Der Jude Nathan, dessen Frau und Kinder durch Kreuzritter ermordet werden, nimmt die Tochter eines sterbenden Freundes – ein zum Christentum konvertierter Moslem – an Kindesstatt an. Jahre später begnadigt der muslimische Sultan Saladin einen Kreuzritter, weil dieser seinem verschollenen Bruder ähnelt. Diese beiden guten Taten ermöglichen religionsübergreifend erst eine weitere gute Tat, nämlich dass eben dieser begnadigte Kreuzritter Nathans angenommene Tochter aus den Flammen seines brennenden Hauses rettet, jedoch von einem Juden keinen Dank annehmen will. Nathan akzeptiert die Beendigung der Kommunikation nicht, er bemüht sich inständig um einen Diskurs. Nur diesem Bestreben ist es schließlich zu verdanken, dass der dramatische Knoten gelöst werden kann.
„Lessing wollte ein Katalysator des guten Streits sein, der voranbringt“, erläutert Roland Stolte, Theologe und Vorsitzender des Verwaltungsdirektoriums der Stiftung House of One. „Katalysator eines guten Streits ist auch das House of One, für eine kluge Religionskritik, aber auch für eine kluge Kritik unter den Religionen und ebenso für eine kluge Kritik der Religionen an der Gesellschaft.“ Der Ort des House of One sei „zwischen den Stühlen“: ein Haus der Religionen, aber nicht bestimmten religiösen Institutionen zuzuordnen. „Es ist politisch, aber nicht Teil der Politik; es ist in der Mitte der Gesellschaft, geht aber nicht in ihr auf.“ Das House of One habe etwas „Subversives“. Und diese Wesensart ist es, die Religion davor bewahrt, sich allzu willfährig instrumentalisieren zu lassen von den Mächtigen der Welt. Und deswegen ist das House of One ein Zeichen des Widerspruchs und der Hoffnung, zur richtigen Zeit, am richtigen Ort.
Christian Bahlmann

House of One – Gertraudenstraße.

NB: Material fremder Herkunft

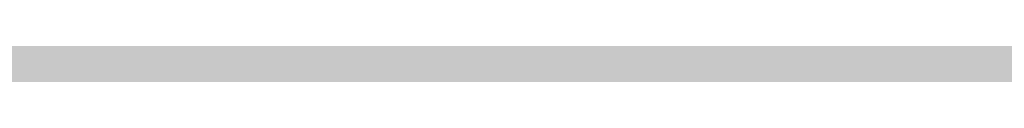
# Model space of a CAD drawing. Units: inches. Extents: x 2091 to 2899, y 967 to 2217.
# Tile 199 of 256: x 2203.18039 to 2203.25707, y 1152.24874 to 1152.25042. Entities that reach past the tile are written whole.
import ezdxf

# ---------------------------------------------------------------- set-up
doc = ezdxf.new("R2010")
doc.units = ezdxf.units.IN
doc.layers.add('A-WALL-PATT', color=141, linetype='Continuous', lineweight=13, true_color=0xadddf7)

msp = doc.modelspace()

# ---------------------------------------------------------------- hatches: boundary and pattern name
at = {"layer": 'A-WALL-PATT'}
h = msp.add_hatch(color=256, dxfattribs=at)
h.dxf.hatch_style = 1
h.paths.add_polyline_path([(2803.143603, 2050.919059), (2203.143603, 2050.919059), (2203.143603, 1090.919059), (2803.143603, 1090.919059)])
h.paths.add_polyline_path([(2635.79885, 1147.540465), (2674.524052, 1147.540465, 0.376086), (2678.529665, 1152.880202), (2678.529665, 1159.556473, 0.333335), (2674.524319, 1163.561846), (2674.524319, 1163.56185), (2674.524319, 1192.93439), (2635.805971, 1192.93439), (2597.087622, 1192.93439), (2597.087622, 1163.561846, 0.333335), (2593.082276, 1159.556473), (2593.082276, 1152.880202, 0.376086), (2597.087889, 1147.540465)], flags=0)
h.paths.add_polyline_path([(2436.010433, 1278.240778, 0.000483), (2435.952643, 1278.215027, -0.001328), (2435.935625, 1278.111693, -0.001711), (2436.11644, 1278.040758, 0.002185)], flags=0)
h.paths.add_polyline_path([(2794.143603, 1143.419059), (2794.143603, 1347.419059), (2543.370171, 1347.419059), (2543.370171, 1351.919059), (2794.143603, 1351.919059), (2794.143603, 1392.713555), (2793.947398, 1392.713555), (2793.947398, 1473.5369), (2794.143603, 1473.5369), (2794.143603, 1531.919059), (2650.143603, 1531.919059), (2650.143603, 1536.419059), (2794.143603, 1536.419059), (2794.143603, 1692.419059), (2609.375609, 1692.419059), (2609.375609, 1644.419059), (2604.875609, 1644.419059), (2604.875609, 1744.919059), (2609.375609, 1744.919059), (2609.375609, 1696.919059), (2794.143603, 1696.919059), (2794.143603, 1780.919059), (2609.643603, 1780.919059), (2493.875609, 1780.919059), (2493.875609, 1785.419059), (2609.643603, 1785.419059), (2794.143603, 1785.419059), (2794.143603, 1847.938821), (2793.951222, 1847.938821), (2793.951222, 1928.762166), (2794.143603, 1928.762166), (2794.143603, 1941.419059), (2614.143603, 1941.419059), (2614.143603, 1821.419059), (2609.643603, 1821.419059), (2609.643603, 1941.419059), (2392.143603, 1941.419059), (2392.143603, 1819.919059), (2387.643603, 1819.919059), (2387.643603, 1941.419059), (2212.143603, 1941.419059), (2212.143603, 1783.919059), (2392.143603, 1783.919059), (2392.143603, 1780.919059), (2212.143603, 1780.919059), (2212.143603, 1629.419059), (2387.643603, 1629.419059), (2387.643603, 1744.919059), (2392.143603, 1744.919059), (2392.143603, 1627.919059), (2317.143603, 1627.919059), (2317.143603, 1551.419059), (2317.143603, 1536.419059), (2459.383591, 1536.419059), (2459.383591, 1602.39648), (2463.883591, 1602.39648), (2463.883591, 1531.919059), (2456.643603, 1531.919059), (2456.643603, 1529.919059), (2452.143603, 1529.919059), (2452.143603, 1531.919059), (2312.643603, 1531.919059), (2312.643603, 1551.419059), (2306.143603, 1551.419059), (2306.143603, 1555.919059), (2308.143603, 1555.919059), (2308.143603, 1551.419059), (2312.643603, 1551.419059), (2312.643603, 1627.919059), (2212.143603, 1627.919059), (2212.143603, 1555.919059), (2270.143603, 1555.919059), (2270.143603, 1551.419059), (2212.143603, 1551.419059), (2212.143603, 1351.919059), (2272.143603, 1351.919059), (2272.143603, 1347.419059), (2212.143603, 1347.419059), (2212.143603, 1275.419059), (2308.143603, 1275.419059), (2308.143603, 1351.919059), (2452.143603, 1351.919059), (2452.143603, 1493.919059), (2456.643603, 1493.919059), (2456.643603, 1347.419059), (2312.643603, 1347.419059), (2312.643603, 1270.919059), (2212.143603, 1270.919059), (2212.143603, 1099.919059), (2281.237523, 1099.919059), (2282.871041, 1110.913803), (2282.008341, 1116.996603), (2278.557741, 1121.420403), (2268.205641, 1128.056203), (2272.087641, 1128.056203), (2273.812941, 1131.927003), (2279.420341, 1134.691903), (2285.027841, 1135.244903), (2287.615841, 1137.456803), (2288.047141, 1138.009803), (2289.341141, 1140.774703), (2291.066541, 1139.668703), (2292.360541, 1135.244903), (2295.379841, 1136.903803), (2296.242541, 1135.797903), (2297.105241, 1133.033003), (2300.124641, 1138.009803), (2303.143941, 1138.009803), (2304.437941, 1135.797903), (2303.143941, 1133.586003), (2306.594641, 1134.691903), (2307.888741, 1133.033003), (2310.908041, 1135.244903), (2313.927441, 1134.138903), (2315.62686, 1132.427102), (2308.320041, 1117.549603), (2290.203841, 1109.807903), (2288.909841, 1103.172103), (2289.272309, 1099.919059), (2434.918227, 1099.919059), (2431.593227, 1124.788059), (2429.930227, 1169.553059), (2430.927185, 1240.519694), (2435.658926, 1238.186126), (2437.135227, 1196.554059), (2438.798227, 1143.973059), (2442.678227, 1111.998059), (2446.558227, 1099.919059), (2794.143603, 1099.919059), (2794.143603, 1138.919059), (2548.032447, 1138.919059), (2548.032447, 1143.419059), (2548.032447, 1148.819059), (2546.668457, 1148.031559), (2528.685692, 1179.178622, 0.256256), (2512.032447, 1148.819059), (2512.032447, 1143.419059), (2512.032447, 1138.919059), (2507.532447, 1138.919059), (2507.532447, 1143.419059), (2507.532447, 1148.819059, 0.256256), (2490.879202, 1179.178622), (2472.896437, 1148.031559), (2471.532447, 1148.819059), (2471.532447, 1143.419059), (2467.032447, 1143.419059), (2467.032447, 1269.945786, 0.039061), (2460.909987, 1273.580059), (2467.032447, 1273.580059), (2467.032447, 1286.325364, 0.014511), (2465.216194, 1286.761905), (2467.032447, 1287.052576), (2467.032447, 1323.419059), (2471.532447, 1323.419059), (2471.532447, 1148.819059), (2489.532447, 1179.995973), (2490.896437, 1179.208473), (2490.879202, 1179.178622, -0.256256), (2507.532447, 1148.819059), (2507.532447, 1143.419059), (2512.032447, 1143.419059), (2512.032447, 1148.819059, -0.256256), (2528.685692, 1179.178622), (2528.668457, 1179.208473), (2530.032447, 1179.995973), (2548.032447, 1148.819059), (2548.032447, 1143.419059)], flags=16)
h.paths.add_polyline_path([(2607.768546, 1200.945083), (2607.768546, 1265.030625), (2597.087622, 1281.052011), (2619.784585, 1281.052011), (2627.795278, 1337.12686), (2635.79885, 1337.12686), (2643.816663, 1337.12686), (2651.827356, 1281.052011), (2674.524319, 1281.052011), (2663.843395, 1265.030625), (2663.843395, 1200.945083), (2635.805971, 1200.945083)], flags=0)
edge = h.paths.add_edge_path(flags=0)
edge.add_ellipse((13303.896215, 1272.998725), major_axis=(-10595.31304, 0.000001), ratio=0.842303870086, start_angle=0.6282372191, end_angle=0.6465540999, ccw=False)
edge.add_ellipse((2711.70045, 1156.852678), major_axis=(2.219769, 0), ratio=0.84230387, start_angle=111.535244, end_angle=180.628237, ccw=False)
edge.add_ellipse((13303.156292, 1272.998725), major_axis=(-10593.026306, 0), ratio=0.842303869544, start_angle=0.5282714718, end_angle=0.6465540971, ccw=False)
edge.add_line((2710.764596, 1175.333295), (2710.129986, 1175.333295))
edge.add_ellipse((2710.129986, 1176.579775), major_axis=(1.479846, 0), ratio=0.84230387, start_angle=180, end_angle=270, ccw=False)
edge.add_line((2708.65014, 1176.579775), (2708.65014, 1200.782914))
edge.add_ellipse((2710.129986, 1200.782914), major_axis=(1.479846, 0), ratio=0.84230387, start_angle=90, end_angle=180, ccw=False)
edge.add_line((2710.129986, 1202.029394), (2710.465075, 1202.029394))
edge.add_ellipse((13303.156292, 1272.998725), major_axis=(-10593.026306, 0), ratio=0.842303869544, start_angle=-0.0902290886, end_angle=0.3838667788, ccw=False)
edge.add_ellipse((2710.129986, 1290.927031), major_axis=(-1.479846, 0), ratio=0.84230387, start_angle=0, end_angle=90, ccw=False)
edge.add_line((2708.65014, 1290.927031), (2708.65014, 1315.13017))
edge.add_ellipse((2710.129986, 1315.13017), major_axis=(-1.479846, 0), ratio=0.84230387, start_angle=-90, end_angle=0, ccw=False)
edge.add_line((2710.129986, 1316.37665), (2710.706314, 1316.37665))
edge.add_ellipse((3238.40172, 1296.289566), major_axis=(528.234, 0), ratio=0.8423038695, start_angle=176.34957241, end_angle=177.82004969, ccw=False)
edge.add_ellipse((2775.063043, 1071.450696), major_axis=(313.307761, 0), ratio=0.8423038695, start_angle=102.12596555, end_angle=103.78052899, ccw=False)
edge.add_ellipse((2775.063043, 1078.305698), major_axis=(-305.302891, 0), ratio=0.8423038695, start_angle=-79.790461, end_angle=-77.55537271, ccw=False)
edge.add_ellipse((2695.141767, 1541.975383), major_axis=(-250.960216, 0), ratio=0.8423038695, start_angle=99.25656601, end_angle=102.55493264)
edge.add_line((2741.410326, 1334.214255), (2747.132545, 1337.378477))
edge.add_ellipse((2747.538616, 1336.857478), major_axis=(-0.739923, 0), ratio=0.8423039, start_angle=270, end_angle=307.93313, ccw=False)
edge.add_ellipse((2747.538616, 1336.857478), major_axis=(-0.739923, 0), ratio=0.8423039, start_angle=232.06687, end_angle=270, ccw=False)
edge.add_line((2747.944687, 1337.378477), (2753.666906, 1334.214255))
edge.add_ellipse((2799.935466, 1541.975383), major_axis=(250.960216, 0), ratio=0.8423038695, start_angle=257.44506736, end_angle=260.74343399)
edge.add_ellipse((2720.014189, 1078.305698), major_axis=(305.302891, 0), ratio=0.8423038695, start_angle=77.55537271, end_angle=79.790461, ccw=False)
edge.add_ellipse((2720.014189, 1071.450696), major_axis=(-313.307761, 0), ratio=0.8423038695, start_angle=256.21947101, end_angle=257.87403445, ccw=False)
edge.add_ellipse((2256.675512, 1296.289566), major_axis=(-528.234, 0), ratio=0.8423038695, start_angle=182.17995031, end_angle=183.65042759, ccw=False)
edge.add_line((2784.370918, 1316.37665), (2784.947247, 1316.37665))
edge.add_ellipse((2784.947247, 1315.13017), major_axis=(1.479846, 0), ratio=0.84230387, start_angle=0, end_angle=90, ccw=False)
edge.add_line((2786.427093, 1315.13017), (2786.427093, 1290.927031))
edge.add_ellipse((2784.947247, 1290.927031), major_axis=(1.479846, 0), ratio=0.84230387, start_angle=270, end_angle=360, ccw=False)
edge.add_ellipse((-7808.07906, 1272.998725), major_axis=(10593.026306, 0), ratio=0.842303869544, start_angle=-0.3838667788, end_angle=0.0902290886, ccw=False)
edge.add_line((2784.612157, 1202.029394), (2784.947247, 1202.029394))
edge.add_ellipse((2784.947247, 1200.782914), major_axis=(1.479846, 0), ratio=0.84230387, start_angle=0, end_angle=90, ccw=False)
edge.add_line((2786.427093, 1200.782914), (2786.427093, 1176.579775))
edge.add_ellipse((2784.947247, 1176.579775), major_axis=(-1.479846, 0), ratio=0.84230387, start_angle=90, end_angle=180, ccw=False)
edge.add_line((2784.947247, 1175.333295), (2784.312636, 1175.333295))
edge.add_ellipse((-7808.07906, 1272.998725), major_axis=(10593.026306, 0), ratio=0.842303869544, start_angle=-0.6186431963, end_angle=-0.5282714718, ccw=False)
edge.add_ellipse((2783.376783, 1156.852678), major_axis=(-2.219769, 0), ratio=0.84230387, start_angle=179.371763, end_angle=248.464757, ccw=False)
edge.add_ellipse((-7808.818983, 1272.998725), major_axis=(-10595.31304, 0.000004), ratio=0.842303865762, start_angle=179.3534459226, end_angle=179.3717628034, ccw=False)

Foto: (c) Kuehn Malvezzi, Visualisierung Davide Abbonacci, Kuehn Malvezzi

Die Stiftung House of One
ging 2016 aus dem im Oktober 2011 gegründeten Verein „Bet- und Lehrhaus Petriplatz Berlin e.V.“ hervor. Gründungsmitglieder sind unter anderem die Jüdische Gemeinde zu Berlin, der evangelische Kirchenkreis Berlin-Stadtmitte und das Forum für Interkulturellen Dialog e.V. (als muslimischer Partner). Gemeinsam bauen Juden, Christen und Muslime ein Haus. Anfang 2021 soll der Bau beginnen. Als Zeitraum sind vier Jahre veranschlagt. Die Baukosten betragen etwa 47 Millionen Euro. Finanziert wird das Projekt durch die Bundesrepublik Deutschland, die Stadt Berlin und aus Spenden.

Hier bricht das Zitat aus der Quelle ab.